Ma ecco, per concludere, la mia richiesta – la mia indicazione pratica. Non voglio più sentire gli indici di borsa subito dopo le notizie principali, come si trattasse del loro commento più autorevole, oggettivo e “intelligente”. Voglio sentire il blocco delle notizie principali (la pandemia, la guerra, le elezioni) seguito da un po’ di cronaca (hanno ammazzato una donna nel tal posto, arrestato un mafioso nel talaltro) e relativi commenti; poi qualche notizia di costume, un po’ di cultura, cinema e spettacoli; a seguire la pagina sportiva, poi le notizie sul traffico, il meteo e in fondo – in fondo! – l’andamento della borsa.
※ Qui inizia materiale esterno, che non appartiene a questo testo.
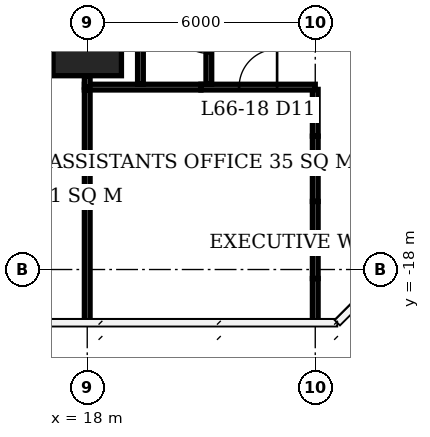
"""IFC4 building model, lengths in metres.
Left out: names, types, materials, properties, quantities, classifications, styles, units other than length and angle.
Written with IfcOpenShell. Run it as: python <this file> out.ifc"""

import sys

from ifc_helpers import new_model, si_unit, direction, frame, frame_2d, origin, origin_2d, place, context, subcontext, project, spatial, rectangle, extrude, element, fill, save


model = new_model("IFC4")
c1 = context("Model", 3, precision=1e-05, world=origin(), true_north=direction((0.0, 1.0)))
c2 = subcontext(c1, "Body", "Model", "MODEL_VIEW")
j1 = project(units=[si_unit("LENGTHUNIT", "METRE"), si_unit("PLANEANGLEUNIT", "RADIAN")], contexts=[c1])
p1 = place(None, origin())
s1 = spatial("IfcSite", under=j1, at=p1, CompositionType="ELEMENT")
p2 = place(p1, origin())
s2 = spatial("IfcBuilding", under=s1, at=p2, CompositionType="ELEMENT")
p3 = place(p2, frame((0.0, 0.0, 268.4)))
s3 = spatial("IfcBuildingStorey", under=s2, at=p3, CompositionType="ELEMENT", Elevation=268.4)
p4 = place(p3, frame((18.0, -12.0, 0.0), z_axis=(0.0, 0.0, 1.0), x_axis=(1.0, 0.0, 0.0)))
e1 = element("IfcColumn", 1, at=p4, inside=s3, PredefinedType="COLUMN", context=c2, shape_type="SweptSolid", body=[
    extrude(rectangle(XDim=1.8, YDim=1.8, at=origin_2d()), origin(), (0.0, 0.0, 1.0), 3.9),
])
p5 = place(p3, frame((17.925, -13.2, 0.0), z_axis=(0.0, 0.0, 1.0), x_axis=(1.0, 0.0, 0.0)))
e2 = element("IfcWall", 2, at=p5, inside=s3, PredefinedType="PARTITIONING", context=c2, shape_type="SweptSolid", body=[
    extrude(rectangle(XDim=3.067, YDim=0.15, at=frame_2d((1.534, 0.0))), origin(), (0.0, 0.0, 1.0), 2.65),
])
p6 = place(p3, frame((20.992, -13.2, 0.0), z_axis=(0.0, 0.0, 1.0), x_axis=(1.0, 0.0, 0.0)))
e3 = element("IfcWall", 3, at=p6, inside=s3, PredefinedType="PARTITIONING", context=c2, shape_type="SweptSolid", body=[
    extrude(rectangle(XDim=3.008, YDim=0.15, at=frame_2d((1.504, 0.0))), origin(), (0.0, 0.0, 1.0), 3.65),
])
p7 = place(p6, frame((1.004, 0.0, 0.0)))
e4 = element("IfcOpeningElement", 4, at=p7, cuts=e3, PredefinedType="OPENING", context=c2, shape_type="SweptSolid", body=[
    extrude(rectangle(XDim=1.0, YDim=2.4, at=frame_2d((0.5, 1.2))), frame((0.0, 0.085, 0.0), z_axis=(0.0, -1.0, 0.0), x_axis=(1.0, 0.0, 0.0)), (0.0, 0.0, 1.0), 0.17),
])
p8 = place(p3, frame((18.0, -19.375, 0.0), z_axis=(0.0, 0.0, 1.0), x_axis=(0.0, 1.0, 0.0)))
e5 = element("IfcWall", 5, at=p8, inside=s3, PredefinedType="PARTITIONING", context=c2, shape_type="SweptSolid", body=[
    extrude(rectangle(XDim=3.065, YDim=0.15, at=frame_2d((1.532, 0.0))), origin(), (0.0, 0.0, 1.0), 3.65),
])
p9 = place(p3, frame((18.0, -16.31, 0.0), z_axis=(0.0, 0.0, 1.0), x_axis=(0.0, 1.0, 0.0)))
e6 = element("IfcWall", 6, at=p9, inside=s3, PredefinedType="PARTITIONING", context=c2, shape_type="SweptSolid", body=[
    extrude(rectangle(XDim=3.035, YDim=0.15, at=frame_2d((1.518, 0.0))), origin(), (0.0, 0.0, 1.0), 2.65),
])
p10 = place(p3, frame((18.0, -13.2, 0.0), z_axis=(0.0, 0.0, 1.0), x_axis=(0.0, 1.0, 0.0)))
e7 = element("IfcWall", 7, at=p10, inside=s3, PredefinedType="PARTITIONING", context=c2, shape_type="SweptSolid", body=[
    extrude(rectangle(XDim=0.3, YDim=0.15, at=frame_2d((0.15, 0.0))), origin(), (0.0, 0.0, 1.0), 2.65),
])
p11 = place(p3, frame((24.0, -19.375, 0.0), z_axis=(0.0, 0.0, 1.0), x_axis=(0.0, 1.0, 0.0)))
e8 = element("IfcWall", 8, at=p11, inside=s3, PredefinedType="PARTITIONING", context=c2, shape_type="SweptSolid", body=[
    extrude(rectangle(XDim=1.138, YDim=0.15, at=frame_2d((0.569, 0.0))), origin(), (0.0, 0.0, 1.0), 3.65),
])
p12 = place(p3, frame((24.0, -18.237, 0.0), z_axis=(0.0, 0.0, 1.0), x_axis=(0.0, 1.0, 0.0)))
e9 = element("IfcWall", 9, at=p12, inside=s3, PredefinedType="PARTITIONING", context=c2, shape_type="SweptSolid", body=[
    extrude(rectangle(XDim=2.029, YDim=0.15, at=frame_2d((1.015, 0.0))), origin(), (0.0, 0.0, 1.0), 2.65),
])
p13 = place(p3, frame((24.0, -16.208, 0.0), z_axis=(0.0, 0.0, 1.0), x_axis=(0.0, 1.0, 0.0)))
e10 = element("IfcWall", 10, at=p13, inside=s3, PredefinedType="PARTITIONING", context=c2, shape_type="SweptSolid", body=[
    extrude(rectangle(XDim=1.718, YDim=0.15, at=frame_2d((0.859, 0.0))), origin(), (0.0, 0.0, 1.0), 3.65),
])
p14 = place(p3, frame((24.0, -14.49, 0.0), z_axis=(0.0, 0.0, 1.0), x_axis=(0.0, 1.0, 0.0)))
e11 = element("IfcWall", 11, at=p14, inside=s3, PredefinedType="PARTITIONING", context=c2, shape_type="SweptSolid", body=[
    extrude(rectangle(XDim=1.23, YDim=0.15, at=frame_2d((0.615, 0.0))), origin(), (0.0, 0.0, 1.0), 2.65),
])
p15 = place(p3, frame((19.4, -13.125, 0.0), z_axis=(0.0, 0.0, 1.0), x_axis=(0.0, 1.0, 0.0)))
e12 = element("IfcWall", 12, at=p15, inside=s3, PredefinedType="PARTITIONING", context=c2, shape_type="SweptSolid", body=[
    extrude(rectangle(XDim=1.517, YDim=0.15, at=frame_2d((0.759, 0.0))), origin(), (0.0, 0.0, 1.0), 2.65),
])
p16 = place(p3, frame((21.2, -13.125, 0.0), z_axis=(0.0, 0.0, 1.0), x_axis=(0.0, 1.0, 0.0)))
e13 = element("IfcWall", 13, at=p16, inside=s3, PredefinedType="PARTITIONING", context=c2, shape_type="SweptSolid", body=[
    extrude(rectangle(XDim=2.55, YDim=0.15, at=frame_2d((1.275, 0.0))), origin(), (0.0, 0.0, 1.0), 3.65),
])
p17 = place(p16, frame((0.812, 0.0, 0.0)))
e14 = element("IfcOpeningElement", 14, at=p17, cuts=e13, PredefinedType="OPENING", context=c2, shape_type="SweptSolid", body=[
    extrude(rectangle(XDim=1.0, YDim=2.4, at=frame_2d((0.5, 1.2))), frame((0.0, 0.085, 0.0), z_axis=(0.0, -1.0, 0.0), x_axis=(1.0, 0.0, 0.0)), (0.0, 0.0, 1.0), 0.17),
])
p18 = place(p7, origin())
e15 = element("IfcDoor", 15, at=p18, inside=s3, OperationType="SINGLE_SWING_RIGHT", PredefinedType="DOOR", context=c2, shape_type="SweptSolid", body=[
    extrude(rectangle(XDim=1.0, YDim=2.4, at=frame_2d((0.5, 1.2))), frame((0.0, 0.025, 0.0), z_axis=(0.0, -1.0, 0.0), x_axis=(1.0, 0.0, 0.0)), (0.0, 0.0, 1.0), 0.05),
])
fill(e4, e15)
p19 = place(p17, origin())
e16 = element("IfcDoor", 16, at=p19, inside=s3, OperationType="SINGLE_SWING_RIGHT", PredefinedType="DOOR", context=c2, shape_type="SweptSolid", body=[
    extrude(rectangle(XDim=1.0, YDim=2.4, at=frame_2d((0.5, 1.2))), frame((0.0, 0.025, 0.0), z_axis=(0.0, -1.0, 0.0), x_axis=(1.0, 0.0, 0.0)), (0.0, 0.0, 1.0), 0.05),
])
fill(e14, e16)
save(model, sys.argv[1])

Se poi quest’ultima la levano, anche meglio.

 

Note

 

[1] William J. Barber, Storia del pensiero economico, Feltrinelli 1992, p. 13.

[2] Il poemetto satirico di Bernard de Mandeville, composto nel 1705, ebbe grande successo e numerose edizioni ampliate successive fino a diventare, nel 1728, un’opera in due tomi.

[3] Nel gergo economico si definiscono price taker gli agenti che non hanno la possibilità di influire sul prezzo e si limitano dunque a “prenderlo” (a prenderne atto): ciò che avviene teoricamente per coloro che operano in un mercato concorrenziale puro; in un mercato monopolistico, invece, operano dei price maker, in grado di “fare” il prezzo.

[4] Cfr. Charles Darwin, L’origine delle specie per selezione naturale, Newton Compton, 1989, p. 43.

[5] Stephen J. Gould, La struttura della teoria dell’evoluzione, Codice 2003, p. 80.

[6] Il riferimento è ovviamente alla notissima frase di Darwin nella lettera a Hooker del 13 luglio 1856: “Che libro potrebbe mai scrivere un cappellano del Diavolo sulle goffaggini, gli sprechi, l'orrenda crudeltà della natura?”.

[7]  John Maynard Keynes, La fine del “laissez-faire”, Edizioni Sì 2018, p. 54.